Nature’s magic protein folding algorithm

After the SARS-CoV-2 spike protein polypeptide chain is formed, it will “fold” into a three-dimensional shape. This folding process occurs spontaneously for all proteins and without any outside influence, and the same polypeptide chain will almost always fold into the same 3-D structure in a manner of microseconds. Nature must be applying some “magic algorithm” to quickly produce the folded structure of a protein from its sequence of amino acids.

Predicting the folded structure of a polypeptide is called the protein structure prediction, a problem that is simple to state but difficult to solve. In fact, protein structure prediction has been an active area of biological research for several decades.

Why do we care about protein structure? Knowing a protein’s structure is essential to determining its function and how it interacts with other proteins or molecules in its environment. After all, we still do not know the function of a few thousand human genes, and Figure 1.4 shows the huge variety of protein shapes in the 2020 “proteins of the month” named by the Protein Data Bank (PDB). (Note that the June 2020 winner is the SARS-CoV-2 spike protein.)

image-center Each “molecule of the month” in 2020 named by the PDB. These proteins have widely varying shapes and accomplish a wide variety of cellular tasks. The SARS-CoV-2 spike protein was the molecule of the month in June. Image courtesy: David Goodsell.

For a more visual example of how protein structure affects protein function, consider the following video of a ribosome (which is a complex of RNA and proteins) translating a messenger RNA into protein. For translation to succeed, the ribosome needs to have a very precise shape, including a “slot” into which the messenger RNA strand can fit.
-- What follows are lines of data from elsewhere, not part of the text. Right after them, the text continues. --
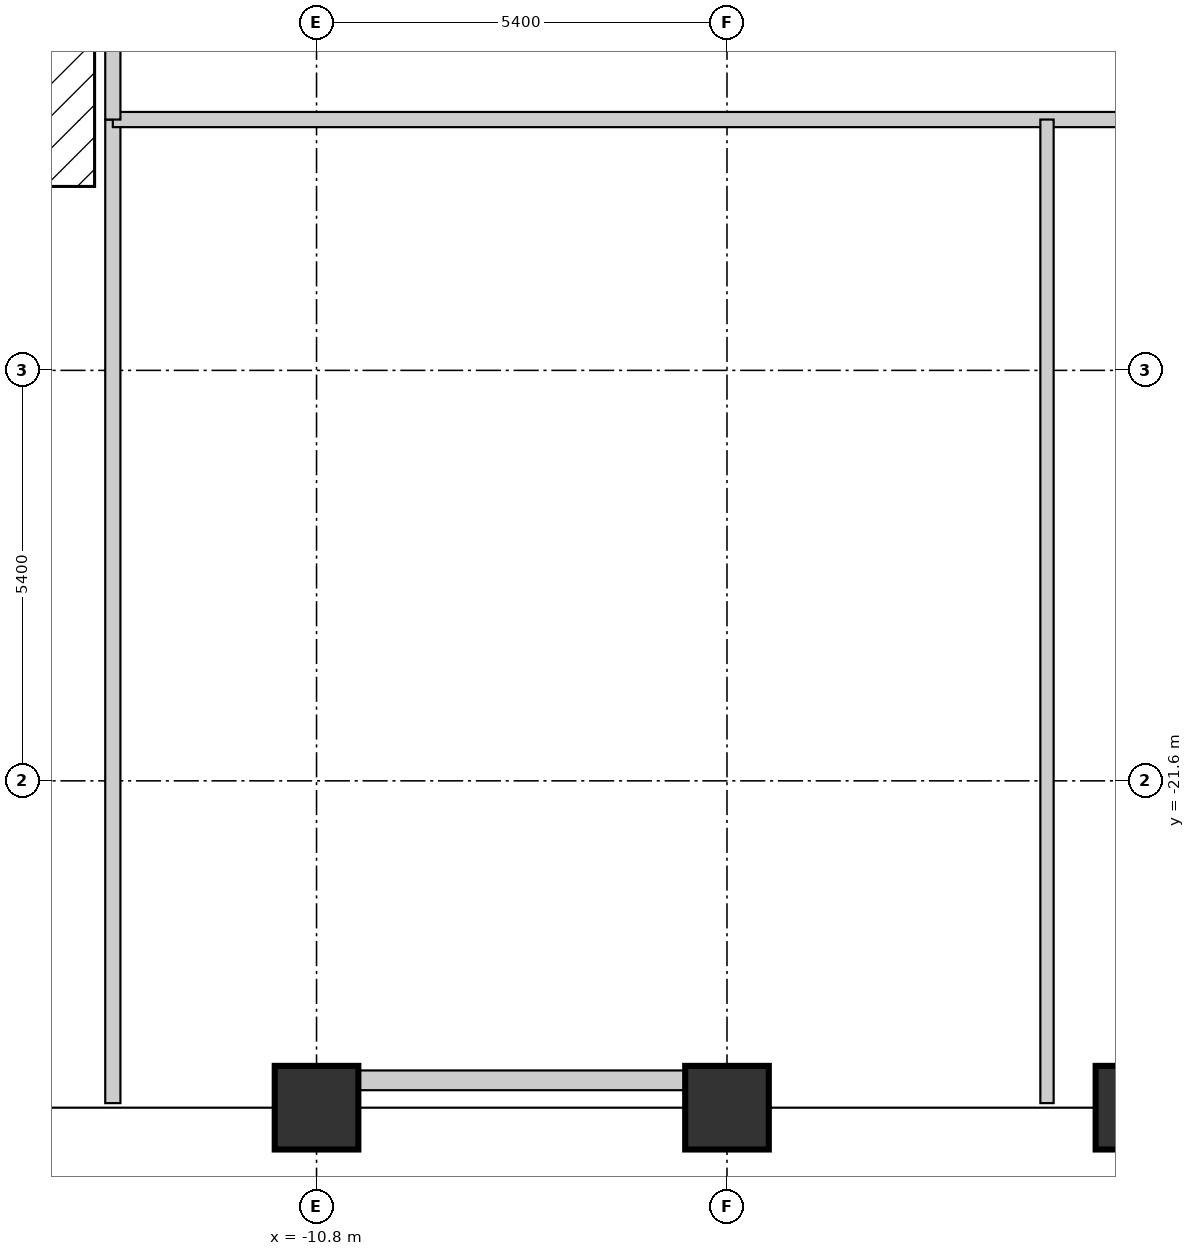
"""IFC4 building model, lengths in metres.
Left out: names, types, materials, properties, quantities, classifications, styles, units other than length and angle.
Written with IfcOpenShell. Run it as: python <this file> out.ifc"""

import sys

from ifc_helpers import new_model, si_unit, direction, frame, frame_2d, origin, origin_2d, place, context, subcontext, project, spatial, rectangle, extrude, element, fill, save


model = new_model("IFC4")
c1 = context("Model", 3, precision=1e-05, world=origin(), true_north=direction((0.0, 1.0)))
c2 = subcontext(c1, "Body", "Model", "MODEL_VIEW")
j1 = project(units=[si_unit("LENGTHUNIT", "METRE"), si_unit("PLANEANGLEUNIT", "RADIAN")], contexts=[c1])
p1 = place(None, origin())
s1 = spatial("IfcSite", under=j1, at=p1, CompositionType="ELEMENT")
p2 = place(p1, origin())
s2 = spatial("IfcBuilding", under=s1, at=p2, CompositionType="ELEMENT")
p3 = place(p2, frame((0.0, 0.0, 83.25)))
s3 = spatial("IfcBuildingStorey", under=s2, at=p3, CompositionType="ELEMENT", Elevation=83.25)
for number, where, z_axis, x_axis in (
    (1, (-10.8, -25.9, 0.0), (0.0, 0.0, 1.0), (1.0, 0.0, 0.0)),
    (2, (-5.4, -25.9, 0.0), (0.0, 0.0, 1.0), (1.0, 0.0, 0.0)),
    (3, (0.0, -25.9, 0.0), (0.0, 0.0, 1.0), (1.0, 0.0, 0.0)),
):
    element("IfcColumn", number, at=place(p3, frame(where, z_axis=z_axis, x_axis=x_axis)), inside=s3, PredefinedType="COLUMN", context=c2, shape_type="SweptSolid", body=[
        extrude(rectangle(XDim=1.1, YDim=1.1, at=origin_2d()), origin(), (0.0, 0.0, 1.0), 3.75),
    ])
p4 = place(p3, frame((-10.252, -25.54, 0.0), z_axis=(0.0, 0.0, 1.0), x_axis=(1.0, 0.0, 0.0)))
e4 = element("IfcWall", 4, at=p4, inside=s3, PredefinedType="STANDARD", context=c2, shape_type="SweptSolid", body=[
    extrude(rectangle(XDim=4.304, YDim=0.26, at=frame_2d((2.152, 0.0))), origin(), (0.0, 0.0, 1.0), 2.699),
])
p5 = place(p3, frame((-13.48, -25.84, 0.0), z_axis=(0.0, 0.0, 1.0), x_axis=(0.0, 1.0, 0.0)))
e5 = element("IfcWall", 5, at=p5, inside=s3, PredefinedType="PARTITIONING", context=c2, shape_type="SweptSolid", body=[
    extrude(rectangle(XDim=12.94, YDim=0.2, at=frame_2d((6.47, 0.0))), origin(), (0.0, 0.0, 1.0), 2.699),
])
p6 = place(p3, frame((-13.48, -12.9, 0.0), z_axis=(0.0, 0.0, 1.0), x_axis=(1.0, 0.0, 0.0)))
e6 = element("IfcWall", 6, at=p6, inside=s3, PredefinedType="PARTITIONING", context=c2, shape_type="SweptSolid", body=[
    extrude(rectangle(XDim=24.58, YDim=0.2, at=frame_2d((12.29, 0.0))), origin(), (0.0, 0.0, 1.0), 2.933),
])
p7 = place(p6, frame((5.695, 0.0, 0.0)))
e7 = element("IfcOpeningElement", 7, at=p7, cuts=e6, PredefinedType="OPENING", context=c2, shape_type="SweptSolid", body=[
    extrude(rectangle(XDim=0.85, YDim=2.1, at=frame_2d((0.425, 1.05))), frame((0.0, 0.11, 0.0), z_axis=(0.0, -1.0, 0.0), x_axis=(1.0, 0.0, 0.0)), (0.0, 0.0, 1.0), 0.22),
])
p8 = place(p6, frame((15.794, 0.0, 0.0)))
e8 = element("IfcOpeningElement", 8, at=p8, cuts=e6, PredefinedType="OPENING", context=c2, shape_type="SweptSolid", body=[
    extrude(rectangle(XDim=0.85, YDim=2.1, at=frame_2d((0.425, 1.05))), frame((0.0, 0.11, 0.0), z_axis=(0.0, -1.0, 0.0), x_axis=(1.0, 0.0, 0.0)), (0.0, 0.0, 1.0), 0.22),
])
p9 = place(p3, frame((-13.48, -12.9, 0.0), z_axis=(0.0, 0.0, 1.0), x_axis=(0.0, 1.0, 0.0)))
e9 = element("IfcWall", 9, at=p9, inside=s3, PredefinedType="PARTITIONING", context=c2, shape_type="SweptSolid", body=[
    extrude(rectangle(XDim=25.8, YDim=0.2, at=frame_2d((12.9, 0.0))), origin(), (0.0, 0.0, 1.0), 3.57),
])
p10 = place(p9, frame((1.07, 0.0, 0.0)))
e10 = element("IfcOpeningElement", 10, at=p10, cuts=e9, PredefinedType="OPENING", context=c2, shape_type="SweptSolid", body=[
    extrude(rectangle(XDim=0.95, YDim=2.1, at=frame_2d((0.475, 1.05))), frame((0.0, 0.11, 0.0), z_axis=(0.0, -1.0, 0.0), x_axis=(1.0, 0.0, 0.0)), (0.0, 0.0, 1.0), 0.22),
])
p11 = place(p9, frame((24.205, 0.0, 0.0)))
e11 = element("IfcOpeningElement", 11, at=p11, cuts=e9, PredefinedType="OPENING", context=c2, shape_type="SweptSolid", body=[
    extrude(rectangle(XDim=0.85, YDim=2.1, at=frame_2d((0.425, 1.05))), frame((0.0, 0.11, 0.0), z_axis=(0.0, -1.0, 0.0), x_axis=(1.0, 0.0, 0.0)), (0.0, 0.0, 1.0), 0.22),
])
p12 = place(p9, frame((21.87, 0.0, 0.0)))
e12 = element("IfcOpeningElement", 12, at=p12, cuts=e9, PredefinedType="OPENING", context=c2, shape_type="SweptSolid", body=[
    extrude(rectangle(XDim=0.95, YDim=2.1, at=frame_2d((0.475, 1.05))), frame((0.0, 0.11, 0.0), z_axis=(0.0, -1.0, 0.0), x_axis=(1.0, 0.0, 0.0)), (0.0, 0.0, 1.0), 0.22),
])
p13 = place(p9, frame((4.525, 0.0, 0.0)))
e13 = element("IfcOpeningElement", 13, at=p13, cuts=e9, PredefinedType="OPENING", context=c2, shape_type="SweptSolid", body=[
    extrude(rectangle(XDim=0.95, YDim=2.1, at=frame_2d((0.475, 1.05))), frame((0.0, 0.11, 0.0), z_axis=(0.0, -1.0, 0.0), x_axis=(1.0, 0.0, 0.0)), (0.0, 0.0, 1.0), 0.22),
])
p14 = place(p9, frame((8.7, 0.0, 0.0)))
e14 = element("IfcOpeningElement", 14, at=p14, cuts=e9, PredefinedType="OPENING", context=c2, shape_type="SweptSolid", body=[
    extrude(rectangle(XDim=0.95, YDim=2.1, at=frame_2d((0.475, 1.05))), frame((0.0, 0.11, 0.0), z_axis=(0.0, -1.0, 0.0), x_axis=(1.0, 0.0, 0.0)), (0.0, 0.0, 1.0), 0.22),
])
p15 = place(p9, frame((13.42, 0.0, 0.0)))
e15 = element("IfcOpeningElement", 15, at=p15, cuts=e9, PredefinedType="OPENING", context=c2, shape_type="SweptSolid", body=[
    extrude(rectangle(XDim=0.95, YDim=2.1, at=frame_2d((0.475, 1.05))), frame((0.0, 0.11, 0.0), z_axis=(0.0, -1.0, 0.0), x_axis=(1.0, 0.0, 0.0)), (0.0, 0.0, 1.0), 0.22),
])
p16 = place(p9, frame((18.32, 0.0, 0.0)))
e16 = element("IfcOpeningElement", 16, at=p16, cuts=e9, PredefinedType="OPENING", context=c2, shape_type="SweptSolid", body=[
    extrude(rectangle(XDim=0.95, YDim=2.1, at=frame_2d((0.475, 1.05))), frame((0.0, 0.11, 0.0), z_axis=(0.0, -1.0, 0.0), x_axis=(1.0, 0.0, 0.0)), (0.0, 0.0, 1.0), 0.22),
])
p17 = place(p3, frame((-1.19, -25.84, 0.0), z_axis=(0.0, 0.0, 1.0), x_axis=(0.0, 1.0, 0.0)))
e17 = element("IfcWall", 17, at=p17, inside=s3, PredefinedType="PARTITIONING", context=c2, shape_type="SweptSolid", body=[
    extrude(rectangle(XDim=12.94, YDim=0.175, at=frame_2d((6.47, 0.0))), origin(), (0.0, 0.0, 1.0), 2.699),
])
p18 = place(p7, origin())
e18 = element("IfcDoor", 18, at=p18, inside=s3, OperationType="SINGLE_SWING_LEFT", PredefinedType="DOOR", context=c2, shape_type="SweptSolid", body=[
    extrude(rectangle(XDim=0.85, YDim=2.1, at=frame_2d((0.425, 1.05))), frame((0.0, 0.025, 0.0), z_axis=(0.0, -1.0, 0.0), x_axis=(1.0, 0.0, 0.0)), (0.0, 0.0, 1.0), 0.05),
])
fill(e7, e18)
save(model, sys.argv[1])

Another central problem in protein structural research is devoted to understanding protein interactions. For example, a disease may be caused by a faulty protein, in which case researchers want to find a drug that binds to the protein and causes some change of interest in that protein, such as inhibiting its behavior.

In this module, we will consider two questions. First, can we reverse engineer nature’s magic algorithm and determine the spike protein’s shape from its sequence of amino acids in the figure above? Second, once we know this molecular structure of the SARS-CoV-2 spike protein, how does its structure and function differ from the same protein in SARS-CoV?

These two questions are both significant, and so we will split our work on them over two parts. If you are already familiar with protein structure prediction, then you may want to skip ahead to the second part of the module, in which we discuss differences between the spike proteins of the two viruses.